One of the most frequently asked questions from patients undergoing palatal expansion is whether their nose will visibly widen. This concern—rooted in esthetics rather than function—deserves an evidence-based answer. In this article, Dr. Mark Radzhabov reviews the soft tissue nasal response to rapid palatal expansion and miniscrew-assisted rapid palatal expansion (MARPE), examining what 3D imaging studies reveal about alar width, nostril geometry, and when these changes become clinically perceptible. Understanding these dynamics is essential for accurate patient communication and treatment planning.

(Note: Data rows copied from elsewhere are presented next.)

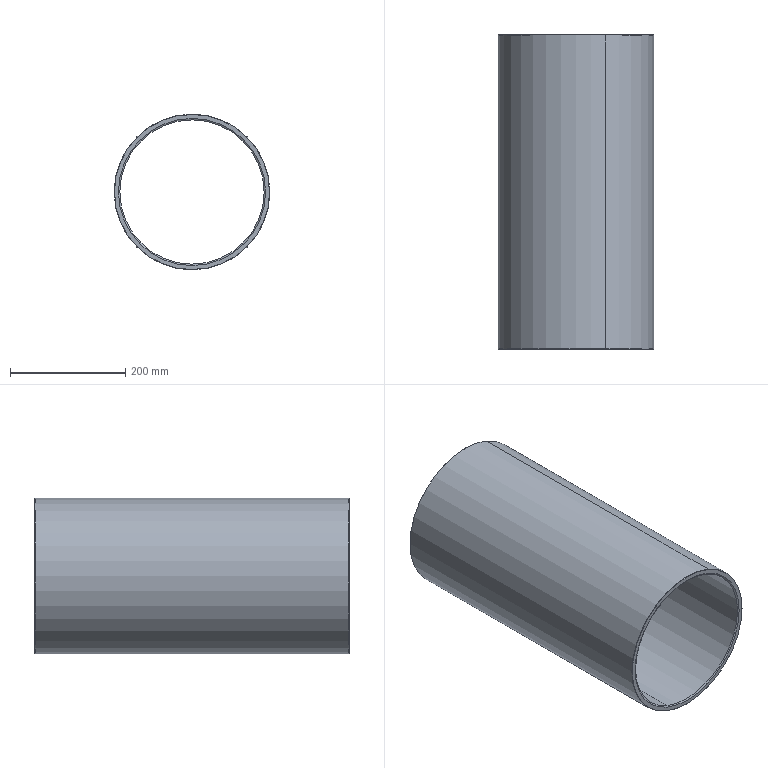Component | SolidWorks | YC1-250-04BalancerAssembly#16673-1_YC1-250-04-04CylinderBarrel#16673-1 | 1 solid | 14 faces | box 270 x 545 x 270 mm | volume 4448572 mm3 | cone 8 | cylinder 4 | plane 2 | commonest cylinder face diameters 270 x2 250 x2 | material Plain Carbon Steel
STEP:
#1=CARTESIAN_POINT('',(-13.202,157.5,-2.039));
#2=VERTEX_POINT('',#1);
#3=CARTESIAN_POINT('',(-20.149,157.5,-4.908));
#4=VERTEX_POINT('',#3);
#5=CARTESIAN_POINT('',(-18.11,157.5,0.));
#6=DIRECTION('',(-0.,1.,-0.));
#7=DIRECTION('',(0.3837,0.,0.9235));
#8=AXIS2_PLACEMENT_3D('',#5,#6,#7);
#9=CIRCLE('',#8,5.315);
#10=EDGE_CURVE('',#2,#4,#9,.T.);
#11=ORIENTED_EDGE('',*,*,#10,.T.);
#12=CARTESIAN_POINT('',(-20.149,178.917,-4.908));
#13=VERTEX_POINT('',#12);
#14=CARTESIAN_POINT('',(-20.149,157.48,-4.908));
#15=DIRECTION('',(-0.,1.,-0.));
#16=VECTOR('',#15,39.37);
#17=LINE('',#14,#16);
#18=EDGE_CURVE('',#4,#13,#17,.T.);
#19=ORIENTED_EDGE('',*,*,#18,.T.);
#20=CARTESIAN_POINT('',(-13.202,178.917,-2.039));
#21=VERTEX_POINT('',#20);
#22=CARTESIAN_POINT('',(-18.11,178.917,0.));
#23=DIRECTION('',(0.,-1.,0.));
#24=DIRECTION('',(0.3837,0.,0.9235));
#25=AXIS2_PLACEMENT_3D('',#22,#23,#24);
#26=CIRCLE('',#25,5.315);
#27=EDGE_CURVE('',#13,#21,#26,.T.);
#28=ORIENTED_EDGE('',*,*,#27,.T.);
#29=CARTESIAN_POINT('',(-16.071,178.917,4.908));
#30=VERTEX_POINT('',#29);
#31=CARTESIAN_POINT('',(-18.11,178.917,0.));
#32=DIRECTION('',(0.,-1.,0.));
#33=DIRECTION('',(0.3837,0.,0.9235));
#34=AXIS2_PLACEMENT_3D('',#31,#32,#33);
#35=CIRCLE('',#34,5.315);
#36=EDGE_CURVE('',#21,#30,#35,.T.);
#37=ORIENTED_EDGE('',*,*,#36,.T.);
#38=CARTESIAN_POINT('',(-16.071,157.5,4.908));
#39=VERTEX_POINT('',#38);
#40=CARTESIAN_POINT('',(-16.071,157.48,4.908));
#41=DIRECTION('',(-0.,1.,-0.));
#42=VECTOR('',#41,39.37);
#43=LINE('',#40,#42);
#44=EDGE_CURVE('',#39,#30,#43,.T.);
#45=ORIENTED_EDGE('',*,*,#44,.F.);
#46=CARTESIAN_POINT('',(-18.11,157.5,0.));
#47=DIRECTION('',(-0.,1.,-0.));
#48=DIRECTION('',(0.3837,0.,0.9235));
#49=AXIS2_PLACEMENT_3D('',#46,#47,#48);
#50=CIRCLE('',#49,5.315);
#51=EDGE_CURVE('',#39,#2,#50,.T.);
#52=ORIENTED_EDGE('',*,*,#51,.T.);
#53=EDGE_LOOP('',(#11,#19,#28,#37,#45,#52));
#54=FACE_OUTER_BOUND('',#53,.T.);
#55=CARTESIAN_POINT('',(-18.11,157.48,0.));
#56=DIRECTION('',(-0.,1.,-0.));
#57=DIRECTION('',(0.3837,0.,0.9235));
#58=AXIS2_PLACEMENT_3D('',#55,#56,#57);
#59=CYLINDRICAL_SURFACE('',#58,5.315);
#60=ADVANCED_FACE('',(#54),#59,.T.);
#61=CARTESIAN_POINT('',(-23.,178.937,2.032));
#62=VERTEX_POINT('',#61);
#63=CARTESIAN_POINT('',(-13.22,178.937,-2.032));
#64=VERTEX_POINT('',#63);
#65=CARTESIAN_POINT('',(-18.11,178.937,0.));
#66=DIRECTION('',(-0.,-1.,0.));
#67=DIRECTION('',(-0.9235,0.,0.3837));
#68=AXIS2_PLACEMENT_3D('',#65,#66,#67);
#69=CIRCLE('',#68,5.295);
#70=EDGE_CURVE('',#62,#64,#69,.T.);
#71=ORIENTED_EDGE('',*,*,#70,.T.);
#72=CARTESIAN_POINT('',(-13.202,178.917,-2.039));
#73=DIRECTION('',(0.653,-0.7071,-0.2713));
#74=VECTOR('',#73,39.37);
#75=LINE('',#72,#74);
#76=EDGE_CURVE('',#64,#21,#75,.T.);
#77=ORIENTED_EDGE('',*,*,#76,.T.);
#78=ORIENTED_EDGE('',*,*,#27,.F.);
#79=CARTESIAN_POINT('',(-23.018,178.917,2.039));
#80=VERTEX_POINT('',#79);
#81=CARTESIAN_POINT('',(-18.11,178.917,0.));
#82=DIRECTION('',(0.,-1.,0.));
#83=DIRECTION('',(0.3837,0.,0.9235));
#84=AXIS2_PLACEMENT_3D('',#81,#82,#83);
#85=CIRCLE('',#84,5.315);
#86=EDGE_CURVE('',#80,#13,#85,.T.);
#87=ORIENTED_EDGE('',*,*,#86,.F.);
#88=CARTESIAN_POINT('',(-23.018,178.917,2.039));
#89=DIRECTION('',(-0.653,-0.7071,0.2713));
#90=VECTOR('',#89,39.37);
#91=LINE('',#88,#90);
#92=EDGE_CURVE('',#62,#80,#91,.T.);
#93=ORIENTED_EDGE('',*,*,#92,.F.);
#94=EDGE_LOOP('',(#71,#77,#78,#87,#93));
#95=FACE_OUTER_BOUND('',#94,.T.);
#96=CARTESIAN_POINT('',(-18.11,178.917,0.));
#97=DIRECTION('',(-0.,-1.,0.));
#98=DIRECTION('',(-0.9235,0.,0.3837));
#99=AXIS2_PLACEMENT_3D('',#96,#97,#98);
#100=CONICAL_SURFACE('',#99,5.315,0.7854);
#101=ADVANCED_FACE('',(#95),#100,.T.);
#102=CARTESIAN_POINT('',(-13.22,157.48,-2.032));
#103=VERTEX_POINT('',#102);
#104=CARTESIAN_POINT('',(-23.,157.48,2.032));
#105=VERTEX_POINT('',#104);
#106=CARTESIAN_POINT('',(-18.11,157.48,0.));
#107=DIRECTION('',(-0.,1.,0.));
#108=DIRECTION('',(0.9235,0.,-0.3837));
#109=AXIS2_PLACEMENT_3D('',#106,#107,#108);
#110=CIRCLE('',#109,5.295);
#111=EDGE_CURVE('',#103,#105,#110,.T.);
#112=ORIENTED_EDGE('',*,*,#111,.T.);
#113=CARTESIAN_POINT('',(-23.018,157.5,2.039));
#114=VERTEX_POINT('',#113);
#115=CARTESIAN_POINT('',(-23.018,157.5,2.039));
#116=DIRECTION('',(-0.653,0.7071,0.2713));
#117=VECTOR('',#116,39.37);
#118=LINE('',#115,#117);
#119=EDGE_CURVE('',#105,#114,#118,.T.);
#120=ORIENTED_EDGE('',*,*,#119,.T.);
#121=CARTESIAN_POINT('',(-18.11,157.5,0.));
#122=DIRECTION('',(-0.,1.,-0.));
#123=DIRECTION('',(0.3837,0.,0.9235));
#124=AXIS2_PLACEMENT_3D('',#121,#122,#123);
#125=CIRCLE('',#124,5.315);
#126=EDGE_CURVE('',#4,#114,#125,.T.);
#127=ORIENTED_EDGE('',*,*,#126,.F.);
#128=ORIENTED_EDGE('',*,*,#10,.F.);
#129=CARTESIAN_POINT('',(-13.202,157.5,-2.039));
#130=DIRECTION('',(0.653,0.7071,-0.2713));
#131=VECTOR('',#130,39.37);
#132=LINE('',#129,#131);
#133=EDGE_CURVE('',#103,#2,#132,.T.);
#134=ORIENTED_EDGE('',*,*,#133,.F.);
#135=EDGE_LOOP('',(#112,#120,#127,#128,#134));
#136=FACE_OUTER_BOUND('',#135,.T.);
#137=CARTESIAN_POINT('',(-18.11,157.5,0.));
#138=DIRECTION('',(-0.,1.,0.));
#139=DIRECTION('',(0.9235,0.,-0.3837));
#140=AXIS2_PLACEMENT_3D('',#137,#138,#139);
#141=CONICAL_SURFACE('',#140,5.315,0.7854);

Alar width expansion is the increase in transverse nasal base and nostril dimensions that occurs as a secondary effect of maxillary skeletal widening during rapid palatal expansion. The nasal soft tissues—alar base, nostril aperture, columella, and dorsum—are suspended over expanding bone, and their response is governed by tissue elasticity, periosteal remodeling, and individual anatomic variation. Unlike skeletal changes, which are relatively predictable and documented via CBCT, soft tissue nasal changes are variable and often smaller than patients anticipate. The clinical distinction between tooth-borne and miniscrew-assisted expansion is significant: traditional RPE relies on dental anchorage and produces lateral tooth movement alongside skeletal expansion, while miniscrew-assisted expansion (MARPE) decouples the expansion force from the dentition, allowing purer skeletal response with less compensatory dentoalveolar tipping. This mechanistic difference translates directly to nasal soft tissue outcomes. Three-dimensional stereophotogrammetry studies—the gold standard for soft tissue measurement—reveal that the magnitude, timing, and distribution of nasal width changes differ between these approaches. For clinicians, this means patient consultation must distinguish between what is skeletal (permanent, stable) and what is soft tissue (potentially subject to rebound or long-term remodeling).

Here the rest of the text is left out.